The full specification below is extracted from Chapter 4: "Biostatistics: Statistical Foundations".

Type: microsim
**sim-id:** hypothesis-error-power<br/>
**Library:** p5.js<br/>
**Status:** Specified

Bloom Level: Understand (L2)
Bloom Verb: explain
Learning Objective: Students can explain the trade-off between Type I and Type II errors and describe how changing alpha, effect size, and sample size affect statistical power.

Purpose: Visualize the two overlapping sampling distributions (null and alternative) and the areas corresponding to α (Type I), β (Type II), and 1−β (power), making the conceptual relationships concrete and manipulable.

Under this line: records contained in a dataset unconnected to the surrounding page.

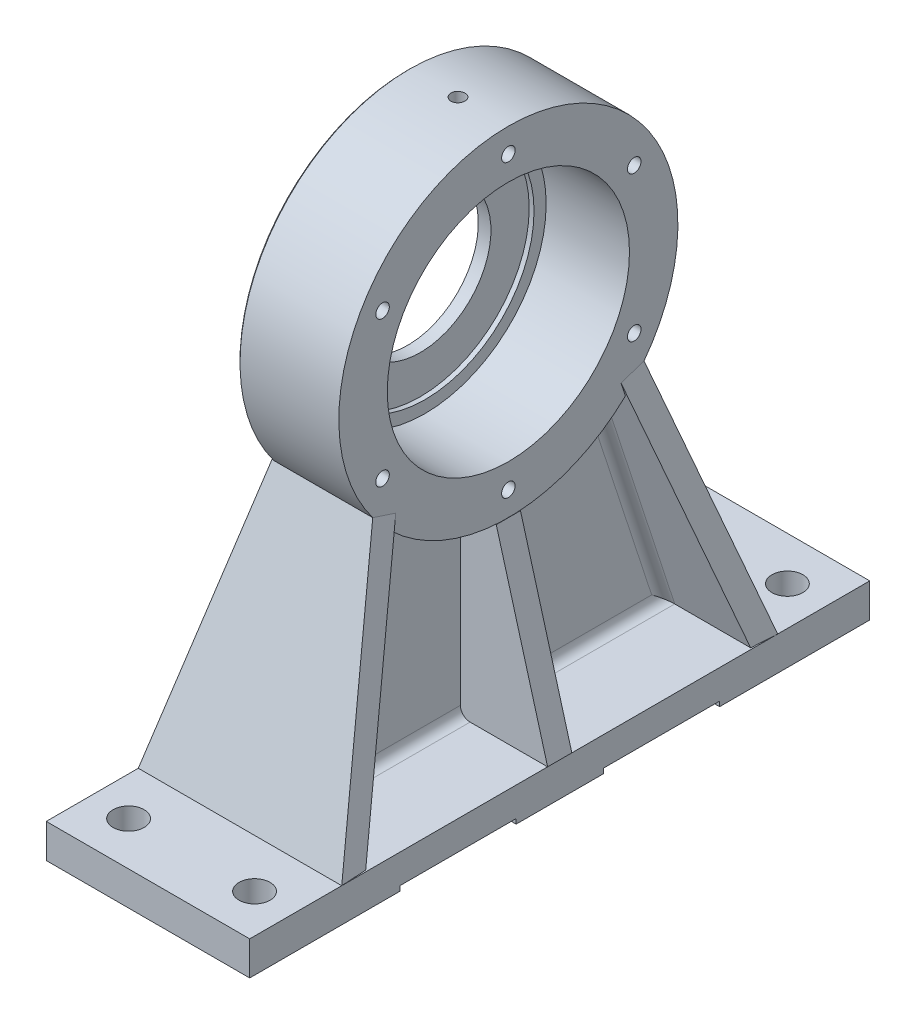
SolidWorks part; units mm, degrees
material "HT200"
ref_plane "Front Plane" through (0, 0, 0) normal (0, 0, 1) x (1, 0, 0)
ref_plane "Top Plane" through (0, 0, 0) normal (0, 1, 0) x (1, 0, 0)
ref_plane "Right Plane" through (0, 0, 0) normal (1, 0, 0) x (0, 0, -1)
sketch "Sketch1" plane through (0, 0, 0) normal (0, 0, 1) x (1, 0, 0)
  line L0 (0, 0) -> (123.5206, 0) construction
  line L1 (-52, 73) -> (-52, 175)
  line L2 (-52, 175) -> (52, 175)
  line L3 (52, 175) -> (52, 125)
  line L4 (52, 125) -> (-34, 125)
  line L5 (-34, 125) -> (-34, 112.5)
  line L6 (-39, 73) -> (-52, 73)
  line L7 (-34, 112.5) -> (-39, 112.5)
  line L8 (-39, 112.5) -> (-39, 73)
  point P9 (0, 175)
  dimension "D1" = 104
  dimension "D2" = 86
  dimension "D3" = 146
  dimension "D4" = 250
  dimension "D5" = 350
  dimension "D6" = 225
  dimension "D7" = 5
revolve "Revolve1" add sketch "Sketch1" angle 360 about L0
sketch "Sketch2" plane through (0, 0, 0) normal (1, 0, 0) x (0, 0, -1)
  line L0 (-320, -400) -> (-320, -365)
  line L1 (-320, -365) -> (320, -365)
  line L2 (320, -365) -> (320, -400)
  line L3 (320, -400) -> (165, -400)
  line L4 (165, -400) -> (165, -395)
  line L5 (165, -395) -> (45, -395)
  line L6 (45, -395) -> (45, -400)
  line L7 (45, -400) -> (-45, -400)
  line L8 (-45, -400) -> (-45, -395)
  line L9 (-45, -395) -> (-165, -395)
  line L10 (-165, -395) -> (-165, -400)
  line L11 (-165, -400) -> (-320, -400)
  line L12 (0, 0) -> (0, -400) construction
  point P15 (0, -365)
  dimension "D1" = 400
  dimension "D2" = 640
  dimension "D3" = 120
  dimension "D4" = 5
  dimension "D5" = 90
  dimension "D6" = 35
extrude "Boss-Extrude1" add sketch "Sketch2" along normal mid plane 210 separate body
sketch "Sketch3" plane through (0, 0, 0) normal (1, 0, 0) x (0, 0, -1)
  line L0 (-140, -105) -> (-225, -365)
  line L1 (320, -365) -> (-320, -365) construction
  line L2 (-225, -365) -> (225, -365)
  line L3 (225, -365) -> (140, -105)
  line L4 (0, 0) -> (0, -455.4927) construction
  line L5 (-320, -365) -> (-320, -400) construction
  circle A0 centre (0, 0) radius 175 construction
  arc A1 (140, -105) -> (-140, -105) centre (0, 0) cw
  dimension "D1" = 95
  dimension "D2" = 280
extrude "Boss-Extrude2" add sketch "Sketch3" along normal mid plane 30
sketch "Sketch6" plane through (0, 0, 0) normal (0, 0, 1) x (1, 0, 0)
  line L0 (-52, -175) -> (-105, -365)
  line L1 (-52, 175) -> (-52, -175) construction
  line L2 (-105, -365) -> (105, -365)
  line L3 (105, -365) -> (52, -175)
  line L4 (52, -175) -> (52, 175) construction
  line L5 (52, -175) -> (-52, -175)
  line L6 (15, -175) -> (52, -175) construction
extrude "Boss-Extrude6" add sketch "Sketch6" along normal mid plane 25 separate body contours L3 L5 L0 L2
sketch "Sketch4" plane through (0, 31.2112, 95.4694) normal (0, 0.3107, 0.9505) x (1, 0, 0)
  line L0 (-52, -143.3054) -> (52, -143.3054)
  line L1 (52, -143.3054) -> (105, -416.847)
  line L2 (105, -416.847) -> (-105, -416.847)
  line L3 (-105, -416.847) -> (-52, -143.3054)
  line L4 (15, -143.3054) -> (-15, -143.3054) construction
  line L5 (15, -416.847) -> (-15, -416.847) construction
  line L6 (-105, -247.4944) -> (-105, -446.3672) construction
  line L7 (-52, 175) -> (-52, -175) construction
  point P6 (0, -143.3054)
  point P8 (0, -416.847)
extrude "Boss-Extrude3" add sketch "Sketch4" against normal blind 25
mirror "Mirror1" about plane through (0, 0, 0) normal (0, 0, 1) of "Boss-Extrude3"
fillet "Fillet1" radius 10 7 edges at (-15, -365, 0) (-15, -245.822, -159.7359) (-15, -175, 0) (15, -245.822, -159.7359) (15, -365, 0) (15, -245.822, 159.7359) (15, -175, 0)
sketch "Sketch7" plane through (0, -365, 0) normal (0, 1, 0) x (1, 0, 0)
  line L1 (-65, 275) -> (65, 275) construction
  line L2 (-65, 275) -> (-65, -275) construction
  line L3 (-65, -275) -> (65, -275) construction
  line L4 (65, 275) -> (65, -275) construction
  line L5 (-65, 275) -> (65, -275) construction
  line L6 (-65, -275) -> (65, 275) construction
  circle A0 centre (-65, 275) radius 16
  circle A1 centre (65, 275) radius 16
  circle A2 centre (-65, -275) radius 16
  circle A3 centre (65, -275) radius 16
  point P0 (0, 0)
  dimension "D1" = 32
  dimension "D2" = 130
  dimension "D3" = 550
extrude "Cut-Extrude1" cut sketch "Sketch7" against normal through all
sketch "Sketch8" plane through (52, 0, 0) normal (1, 0, 0) x (0, 0, -1)
  circle A0 centre (0, 0) radius 150
  circle A1 centre (0, 150) radius 6
  circle A2 centre (129.9038, 75) radius 6
  circle A3 centre (129.9038, -75) radius 6
  circle A4 centre (0, -150) radius 6
  circle A5 centre (-129.9038, -75) radius 6
  circle A6 centre (-129.9038, 75) radius 6
  dimension "D1" = 300
  dimension "D2" = 12
  dimension "D3" = 6
hole_wizard "M16 Tapped Hole1" positions "Sketch10" profile "Sketch9" tap size "M16" standard "GB"
sketch "Sketch10" plane through (52, 0, 0) normal (1, 0, 0) x (0, 0, -1)
  point P0 (-129.9038, -75)
  point P1 (0, -150)
  point P4 (129.9038, -75)
  point P7 (129.9038, 75)
  point P10 (0, 150)
  point P13 (-129.9038, 75)
sketch "Sketch9" plane through (52, -75, 129.9038) normal (0, 1, 0) x (0, 0, -1)
  line L0 (0, 0) -> (0, 42.206)
  line L1 (0, 42.206) -> (7, 38)
  line L2 (7, 38) -> (7, 0)
  line L5 (7, 0) -> (0, 0)
  line L10 (0, 42.206) -> (-7, 38) construction
  line L11 (0, -6.35) -> (0, 107.95) construction
  dimension "螺纹孔钻头直径" = 14
  dimension "螺纹孔钻头深度" = 38
  dimension "导头角度" = 118
cosmetic thread "Cosmetic Thread 1" parameters "D1"=32, "D2"=16
cosmetic thread "Cosmetic Thread 2" parameters "D1"=32, "D2"=16
cosmetic thread "Cosmetic Thread 3" parameters "D1"=32, "D2"=16
cosmetic thread "Cosmetic Thread 4" parameters "D1"=32, "D2"=16
cosmetic thread "Cosmetic Thread 5" parameters "D1"=32, "D2"=16
cosmetic thread "Cosmetic Thread 6" parameters "D1"=32, "D2"=16
ref_plane "Plane1" through (0, 175, 0) normal (0, 1, 0) x (-1, 0, 0)
sketch "Sketch11" plane through (0, 175, 0) normal (0, 1, 0) x (-1, 0, 0)
  point P0 (0, 0)
hole_wizard "M16x1.5 Tapped Hole1" positions "3DSketch1" profile "Sketch12" tap size "M16x1.5" standard "GB"
sketch3d "3DSketch1"
  point P0 (0, 175, 0)
sketch "Sketch12" plane through (0, 175, 0) normal (1, 0, 0) x (0, 0, 1)
  line L0 (0, 0) -> (0, 60.8562)
  line L1 (0, 60.8562) -> (7.25, 56.5)
  line L2 (7.25, 56.5) -> (7.25, 0)
  line L5 (7.25, 0) -> (0, 0)
  line L10 (0, 60.8562) -> (-7.25, 56.5) construction
  line L11 (0, -6.35) -> (0, 107.95) construction
  dimension "螺纹孔钻头直径" = 14.5
  dimension "螺纹孔钻头深度" = 56.5
  dimension "导头角度" = 118
cosmetic thread "Cosmetic Thread 7" parameters "D1"=32, "D2"=16
chamfer "Chamfer1" distance 2 angle 45 1 edges at (-52, 175, 0)

Layout: Canvas divided into:
- Top 65%: main visualization showing two overlapping normal curves — the null distribution (blue) centered at 0 and the alternative distribution (orange) centered at the effect size δ. The critical value is shown as a vertical dashed line. Four colored shaded areas: blue area to the right of critical value under null curve = α (Type I error); orange area to the left of critical value under alternative curve = β (Type II error); orange area to the right of critical value = power (1−β). Labels for each shaded region with percentages.
- Bottom 35%: three sliders and a numeric summary panel.

Controls:
- Alpha (α) slider: range 0.01 to 0.20, step 0.01, default 0.05. Moving it shifts the critical value.
- Effect size (δ in SD units) slider: range 0.1 to 2.0, step 0.05, default 0.5. Moving it shifts the alternative distribution curve.
- Sample size slider: range 10 to 500, step 10, default 80. Changing n changes the SE of both distributions (narrowing them), which changes overlap.

Numeric summary panel (updates live): shows α, β, Power (1−β), and effect size in SD units.

Visual style: Null distribution in light blue, alternative distribution in light orange, shaded regions semi-transparent, critical value as dashed black vertical line, labels in bold matching their region color.

Interactive behavior:
- All three sliders update the visualization in real time.
- Hover over any shaded area: tooltip shows its name, probability value, and one-sentence plain-language description (e.g., "Type I Error: The probability of detecting an effect that does not exist. Set by choosing alpha before the study.")

Reset button returns all sliders to default.

Canvas: Responsive full container width, 520px height.

Instructional Rationale: The abstract relationship between α, β, and power becomes intuitive when students can drag a slider and watch the regions change size. This is the central insight students need to evaluate study design and interpret published p-values.